JavaScriptのクラスについて学ぼう【3.ポリモーフィズム編】

JavaScript

はじめに

クラス構文を学び始めた方の中には「なぜわざわざメソッドのオーバーライドを行うのか」という疑問が浮かんだ方もいるかと思います。この理由はエンジニアによって様々な意見があるかと思いますが、オーバーライドを行う一つの理由として「ポリモーフィズムの活用」が挙げられます。

ポリモーフィズムとは、インスタンスの型に応じて同じメソッドでも異なるふるまいを実現する方法です。クラス継承において、メソッドのオーバーライドは親クラスで定義されたメソッドと同じ名のメソッドを定義することで成立します。メソッドをオーバーライドすることは、ポリモーフィズムを活用することと同じと考えることができます。

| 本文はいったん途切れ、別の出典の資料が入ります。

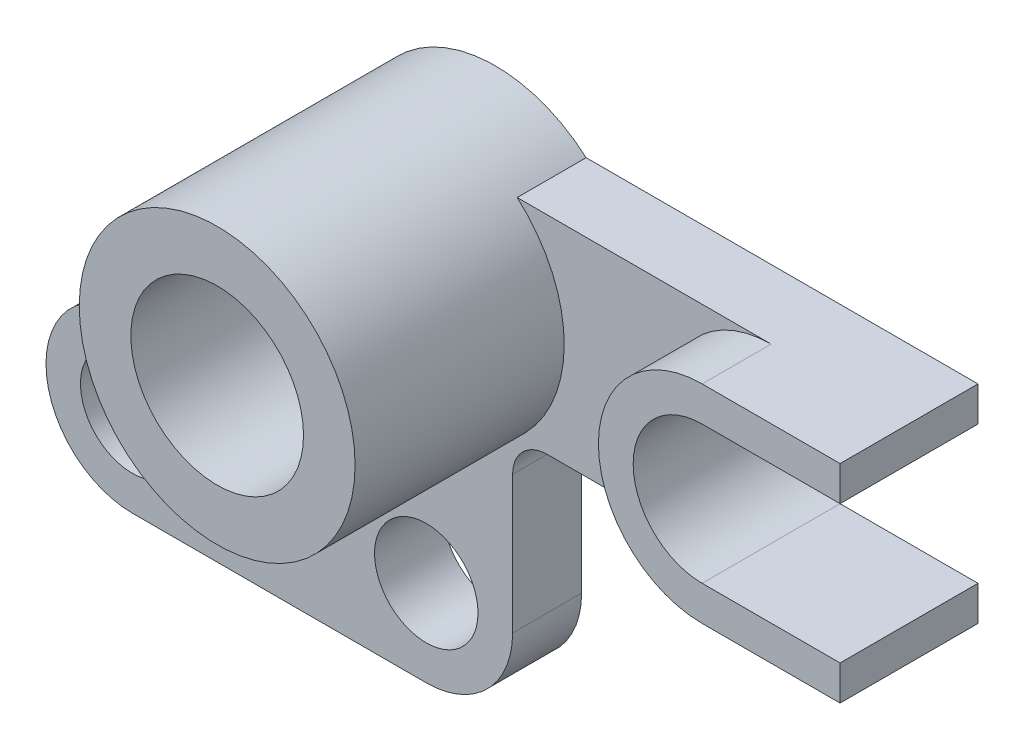
ISO-10303-21;
HEADER;
FILE_DESCRIPTION(('STEP AP214'),'2;1');
FILE_NAME('part.step','',(''),(''),'','','');
FILE_SCHEMA(('AUTOMOTIVE_DESIGN { 1 0 10303 214 1 1 1 1 }'));
ENDSEC;
DATA;
#1=APPLICATION_CONTEXT('core data for automotive mechanical design processes');
#2=APPLICATION_PROTOCOL_DEFINITION('international standard','automotive_design',2000,#1);
#3=PRODUCT_CONTEXT('',#1,'mechanical');
#4=PRODUCT('Part','Part','',(#3));
#5=PRODUCT_RELATED_PRODUCT_CATEGORY('part','',(#4));
#6=PRODUCT_DEFINITION_FORMATION('','',#4);
#7=PRODUCT_DEFINITION_CONTEXT('part definition',#1,'design');
#8=PRODUCT_DEFINITION('design','',#6,#7);
#9=PRODUCT_DEFINITION_SHAPE('','',#8);
#10=(LENGTH_UNIT() NAMED_UNIT(*) SI_UNIT(.MILLI.,.METRE.));
#11=(NAMED_UNIT(*) PLANE_ANGLE_UNIT() SI_UNIT($,.RADIAN.));
#12=(NAMED_UNIT(*) SI_UNIT($,.STERADIAN.) SOLID_ANGLE_UNIT());
#13=UNCERTAINTY_MEASURE_WITH_UNIT(LENGTH_MEASURE(1.E-05),#10,'distance_accuracy_value','');
#14=(GEOMETRIC_REPRESENTATION_CONTEXT(3) GLOBAL_UNCERTAINTY_ASSIGNED_CONTEXT((#13)) GLOBAL_UNIT_ASSIGNED_CONTEXT((#10,
#11,#12)) REPRESENTATION_CONTEXT('',''));
#15=CARTESIAN_POINT('',(0.,0.,0.));
#16=DIRECTION('',(0.,0.,1.));
#17=DIRECTION('',(1.,0.,0.));
#18=AXIS2_PLACEMENT_3D('',#15,#16,#17);
#19=CARTESIAN_POINT('',(0.,0.,25.6032));
#20=DIRECTION('',(0.,0.,-1.));
#21=DIRECTION('',(-1.,0.,0.));
#22=AXIS2_PLACEMENT_3D('',#19,#20,#21);
#23=CYLINDRICAL_SURFACE('',#22,12.7);
#24=CARTESIAN_POINT('',(0.,0.,25.6032));
#25=DIRECTION('',(0.,0.,1.));
#26=DIRECTION('',(1.,0.,0.));
#27=AXIS2_PLACEMENT_3D('',#24,#25,#26);
#28=CIRCLE('',#27,12.7);
#29=CARTESIAN_POINT('',(12.7,0.,25.6032));
#30=VERTEX_POINT('',#29);
#31=EDGE_CURVE('E11',#30,#30,#28,.T.);
#32=ORIENTED_EDGE('',*,*,#31,.F.);
#33=EDGE_LOOP('',(#32));
#34=FACE_BOUND('',#33,.T.);
#35=DIRECTION('',(0.,0.,-1.));
#36=VECTOR('',#35,1.);
#37=CARTESIAN_POINT('',(-12.7,0.,6.35));
#38=LINE('',#37,#36);
#39=CARTESIAN_POINT('',(-12.7,0.,6.35));
#40=VERTEX_POINT('',#39);
#41=CARTESIAN_POINT('',(-12.7,0.,0.));
#42=VERTEX_POINT('',#41);
#43=EDGE_CURVE('E52',#40,#42,#38,.T.);
#44=ORIENTED_EDGE('',*,*,#43,.F.);
#45=CARTESIAN_POINT('',(0.,0.,6.35));
#46=DIRECTION('',(0.,0.,-1.));
#47=DIRECTION('',(1.,0.,0.));
#48=AXIS2_PLACEMENT_3D('',#45,#46,#47);
#49=CIRCLE('',#48,12.7);
#50=CARTESIAN_POINT('',(8.37137144319854,9.5504,6.35));
#51=VERTEX_POINT('',#50);
#52=EDGE_CURVE('E204',#51,#40,#49,.T.);
#53=ORIENTED_EDGE('',*,*,#52,.F.);
#54=DIRECTION('',(0.,0.,-1.));
#55=VECTOR('',#54,1.);
#56=CARTESIAN_POINT('',(8.37137144319854,9.5504,6.35));
#57=LINE('',#56,#55);
#58=CARTESIAN_POINT('',(8.37137144319854,9.5504,0.));
#59=VERTEX_POINT('',#58);
#60=EDGE_CURVE('E227',#51,#59,#57,.T.);
#61=ORIENTED_EDGE('',*,*,#60,.T.);
#62=CARTESIAN_POINT('',(0.,0.,0.));
#63=DIRECTION('',(0.,0.,1.));
#64=DIRECTION('',(1.,0.,0.));
#65=AXIS2_PLACEMENT_3D('',#62,#63,#64);
#66=CIRCLE('',#65,12.7);
#67=EDGE_CURVE('E45',#59,#42,#66,.T.);
#68=ORIENTED_EDGE('',*,*,#67,.T.);
#69=EDGE_LOOP('',(#44,#53,#61,#68));
#70=FACE_BOUND('',#69,.T.);
#71=ADVANCED_FACE('F39',(#34,#70),#23,.T.);
#72=CARTESIAN_POINT('',(0.,0.,25.6032));
#73=DIRECTION('',(0.,0.,1.));
#74=DIRECTION('',(1.,0.,0.));
#75=AXIS2_PLACEMENT_3D('',#72,#73,#74);
#76=PLANE('',#75);
#77=ORIENTED_EDGE('',*,*,#31,.T.);
#78=EDGE_LOOP('',(#77));
#79=FACE_BOUND('',#78,.T.);
#80=CARTESIAN_POINT('',(0.,0.,25.6032));
#81=DIRECTION('',(0.,0.,1.));
#82=DIRECTION('',(1.,0.,0.));
#83=AXIS2_PLACEMENT_3D('',#80,#81,#82);
#84=CIRCLE('',#83,7.9502);
#85=CARTESIAN_POINT('',(7.9502,0.,25.6032));
#86=VERTEX_POINT('',#85);
#87=EDGE_CURVE('E280',#86,#86,#84,.T.);
#88=ORIENTED_EDGE('',*,*,#87,.F.);
#89=EDGE_LOOP('',(#88));
#90=FACE_BOUND('',#89,.T.);
#91=ADVANCED_FACE('F297',(#79,#90),#76,.T.);
#92=CARTESIAN_POINT('',(0.,0.,0.));
#93=DIRECTION('',(0.,0.,1.));
#94=DIRECTION('',(1.,0.,0.));
#95=AXIS2_PLACEMENT_3D('',#92,#93,#94);
#96=PLANE('',#95);
#97=ORIENTED_EDGE('',*,*,#67,.F.);
#98=DIRECTION('',(-1.,0.,0.));
#99=VECTOR('',#98,1.);
#100=CARTESIAN_POINT('',(31.75,9.55040000000001,0.));
#101=LINE('',#100,#99);
#102=CARTESIAN_POINT('',(44.45,9.5504,0.));
#103=VERTEX_POINT('',#102);
#104=EDGE_CURVE('E208',#103,#59,#101,.T.);
#105=ORIENTED_EDGE('',*,*,#104,.F.);
#106=DIRECTION('',(0.,1.,0.));
#107=VECTOR('',#106,1.);
#108=CARTESIAN_POINT('',(44.45,9.5504,0.));
#109=LINE('',#108,#107);
#110=CARTESIAN_POINT('',(44.45,6.35,0.));
#111=VERTEX_POINT('',#110);
#112=EDGE_CURVE('E182',#111,#103,#109,.T.);
#113=ORIENTED_EDGE('',*,*,#112,.F.);
#114=DIRECTION('',(1.,0.,0.));
#115=VECTOR('',#114,1.);
#116=CARTESIAN_POINT('',(44.45,6.35,0.));
#117=LINE('',#116,#115);
#118=CARTESIAN_POINT('',(31.75,6.35,0.));
#119=VERTEX_POINT('',#118);
#120=EDGE_CURVE('E524',#119,#111,#117,.T.);
#121=ORIENTED_EDGE('',*,*,#120,.F.);
#122=CARTESIAN_POINT('',(31.75,0.,0.));
#123=DIRECTION('',(0.,0.,-1.));
#124=DIRECTION('',(1.,0.,0.));
#125=AXIS2_PLACEMENT_3D('',#122,#123,#124);
#126=CIRCLE('',#125,6.35);
#127=CARTESIAN_POINT('',(31.75,-6.35,0.));
#128=VERTEX_POINT('',#127);
#129=EDGE_CURVE('E523',#128,#119,#126,.T.);
#130=ORIENTED_EDGE('',*,*,#129,.F.);
#131=DIRECTION('',(-1.,0.,0.));
#132=VECTOR('',#131,1.);
#133=CARTESIAN_POINT('',(31.75,-6.35,0.));
#134=LINE('',#133,#132);
#135=CARTESIAN_POINT('',(44.45,-6.35,0.));
#136=VERTEX_POINT('',#135);
#137=EDGE_CURVE('E519',#136,#128,#134,.T.);
#138=ORIENTED_EDGE('',*,*,#137,.F.);
#139=DIRECTION('',(0.,1.,0.));
#140=VECTOR('',#139,1.);
#141=CARTESIAN_POINT('',(44.45,-6.35,0.));
#142=LINE('',#141,#140);
#143=CARTESIAN_POINT('',(44.45,-9.5504,0.));
#144=VERTEX_POINT('',#143);
#145=EDGE_CURVE('E521',#144,#136,#142,.T.);
#146=ORIENTED_EDGE('',*,*,#145,.F.);
#147=DIRECTION('',(1.,0.,0.));
#148=VECTOR('',#147,1.);
#149=CARTESIAN_POINT('',(11.1252,-9.5504,0.));
#150=LINE('',#149,#148);
#151=CARTESIAN_POINT('',(11.1252,-9.55040000000001,0.));
#152=VERTEX_POINT('',#151);
#153=EDGE_CURVE('E246',#152,#144,#150,.T.);
#154=ORIENTED_EDGE('',*,*,#153,.F.);
#155=CARTESIAN_POINT('',(11.1252,-12.7254,0.));
#156=DIRECTION('',(0.,0.,-1.));
#157=DIRECTION('',(-1.,0.,0.));
#158=AXIS2_PLACEMENT_3D('',#155,#156,#157);
#159=CIRCLE('',#158,3.175);
#160=CARTESIAN_POINT('',(7.9502,-12.7254,0.));
#161=VERTEX_POINT('',#160);
#162=EDGE_CURVE('E243',#161,#152,#159,.T.);
#163=ORIENTED_EDGE('',*,*,#162,.F.);
#164=DIRECTION('',(0.,1.,0.));
#165=VECTOR('',#164,1.);
#166=CARTESIAN_POINT('',(7.9502,-25.3873,0.));
#167=LINE('',#166,#165);
#168=CARTESIAN_POINT('',(7.9502,-25.3873,0.));
#169=VERTEX_POINT('',#168);
#170=EDGE_CURVE('E241',#169,#161,#167,.T.);
#171=ORIENTED_EDGE('',*,*,#170,.F.);
#172=CARTESIAN_POINT('',(0.,-25.3873,0.));
#173=DIRECTION('',(0.,0.,1.));
#174=DIRECTION('',(1.,0.,0.));
#175=AXIS2_PLACEMENT_3D('',#172,#173,#174);
#176=CIRCLE('',#175,7.9502);
#177=CARTESIAN_POINT('',(0.,-33.3375,0.));
#178=VERTEX_POINT('',#177);
#179=EDGE_CURVE('E238',#178,#169,#176,.T.);
#180=ORIENTED_EDGE('',*,*,#179,.F.);
#181=DIRECTION('',(1.,0.,0.));
#182=VECTOR('',#181,1.);
#183=CARTESIAN_POINT('',(-27.0764,-33.3375,0.));
#184=LINE('',#183,#182);
#185=CARTESIAN_POINT('',(-27.0764,-33.3375,0.));
#186=VERTEX_POINT('',#185);
#187=EDGE_CURVE('E236',#186,#178,#184,.T.);
#188=ORIENTED_EDGE('',*,*,#187,.F.);
#189=CARTESIAN_POINT('',(-27.0764,-25.4,0.));
#190=DIRECTION('',(0.,0.,1.));
#191=DIRECTION('',(1.,0.,0.));
#192=AXIS2_PLACEMENT_3D('',#189,#190,#191);
#193=CIRCLE('',#192,7.9375);
#194=CARTESIAN_POINT('',(-27.0764,-17.4625,0.));
#195=VERTEX_POINT('',#194);
#196=EDGE_CURVE('E237',#195,#186,#193,.T.);
#197=ORIENTED_EDGE('',*,*,#196,.F.);
#198=DIRECTION('',(-1.,0.,0.));
#199=VECTOR('',#198,1.);
#200=CARTESIAN_POINT('',(-15.875,-17.4625,0.));
#201=LINE('',#200,#199);
#202=CARTESIAN_POINT('',(-15.875,-17.4625,0.));
#203=VERTEX_POINT('',#202);
#204=EDGE_CURVE('E232',#203,#195,#201,.T.);
#205=ORIENTED_EDGE('',*,*,#204,.F.);
#206=CARTESIAN_POINT('',(-15.875,-14.2875,0.));
#207=DIRECTION('',(0.,0.,-1.));
#208=DIRECTION('',(-1.,0.,0.));
#209=AXIS2_PLACEMENT_3D('',#206,#207,#208);
#210=CIRCLE('',#209,3.175);
#211=CARTESIAN_POINT('',(-12.7,-14.2875,0.));
#212=VERTEX_POINT('',#211);
#213=EDGE_CURVE('E235',#212,#203,#210,.T.);
#214=ORIENTED_EDGE('',*,*,#213,.F.);
#215=DIRECTION('',(0.,-1.,0.));
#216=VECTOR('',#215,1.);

この記事では、ポリモーフィズムとは何かについて簡潔におさえ、クラス構文においてのポリモーフィズムの活用について解説します。クラス構文やクラス継承についての基本的な知識があることが前提となっているので、これらについて学んでいない方は以下の記事を参照いただくことをオススメします。

クラス構文の基本についてはこちら↓

クラス継承についてはこちら↓

この記事の対象者

  • クラス構文の基本を理解している方
  • メソッドをオーバーライドする意味を理解したい方
  • 効果的なクラス構造の構築について学びたい方

この記事で学べること

  • ポリモーフィズムの概要
  • ポリモーフィズムのメリット
  • JavaScriptでのインターフェースの模倣
  • クラスメソッドとしてのポリモーフィズムの利用

ポリモーフィズムとは

ポリモーフィズムは、同じインターフェースを共有する異なる型のオブジェクトが同じメソッドを使用するための方法です。インターフェースとは、クラスがどのような機能を提供するかについてのルールを定めるためのものです。しかし、インターフェースを実装する機能はJavaScriptにはないので、ここでは、

「インターフェース = 親クラス」

「同じインターフェースを共有する異なる型のオブジェクト = 子クラスのインスタンス」

という解釈で構いません。

メソッド名が同じということは、メソッドを利用する目的も同じと考えることができます。しかし、型が異なれば、目的に応じた結果を返すための処理が異なる場合があります。こういった場合においてポリモーフィズムは利用されます。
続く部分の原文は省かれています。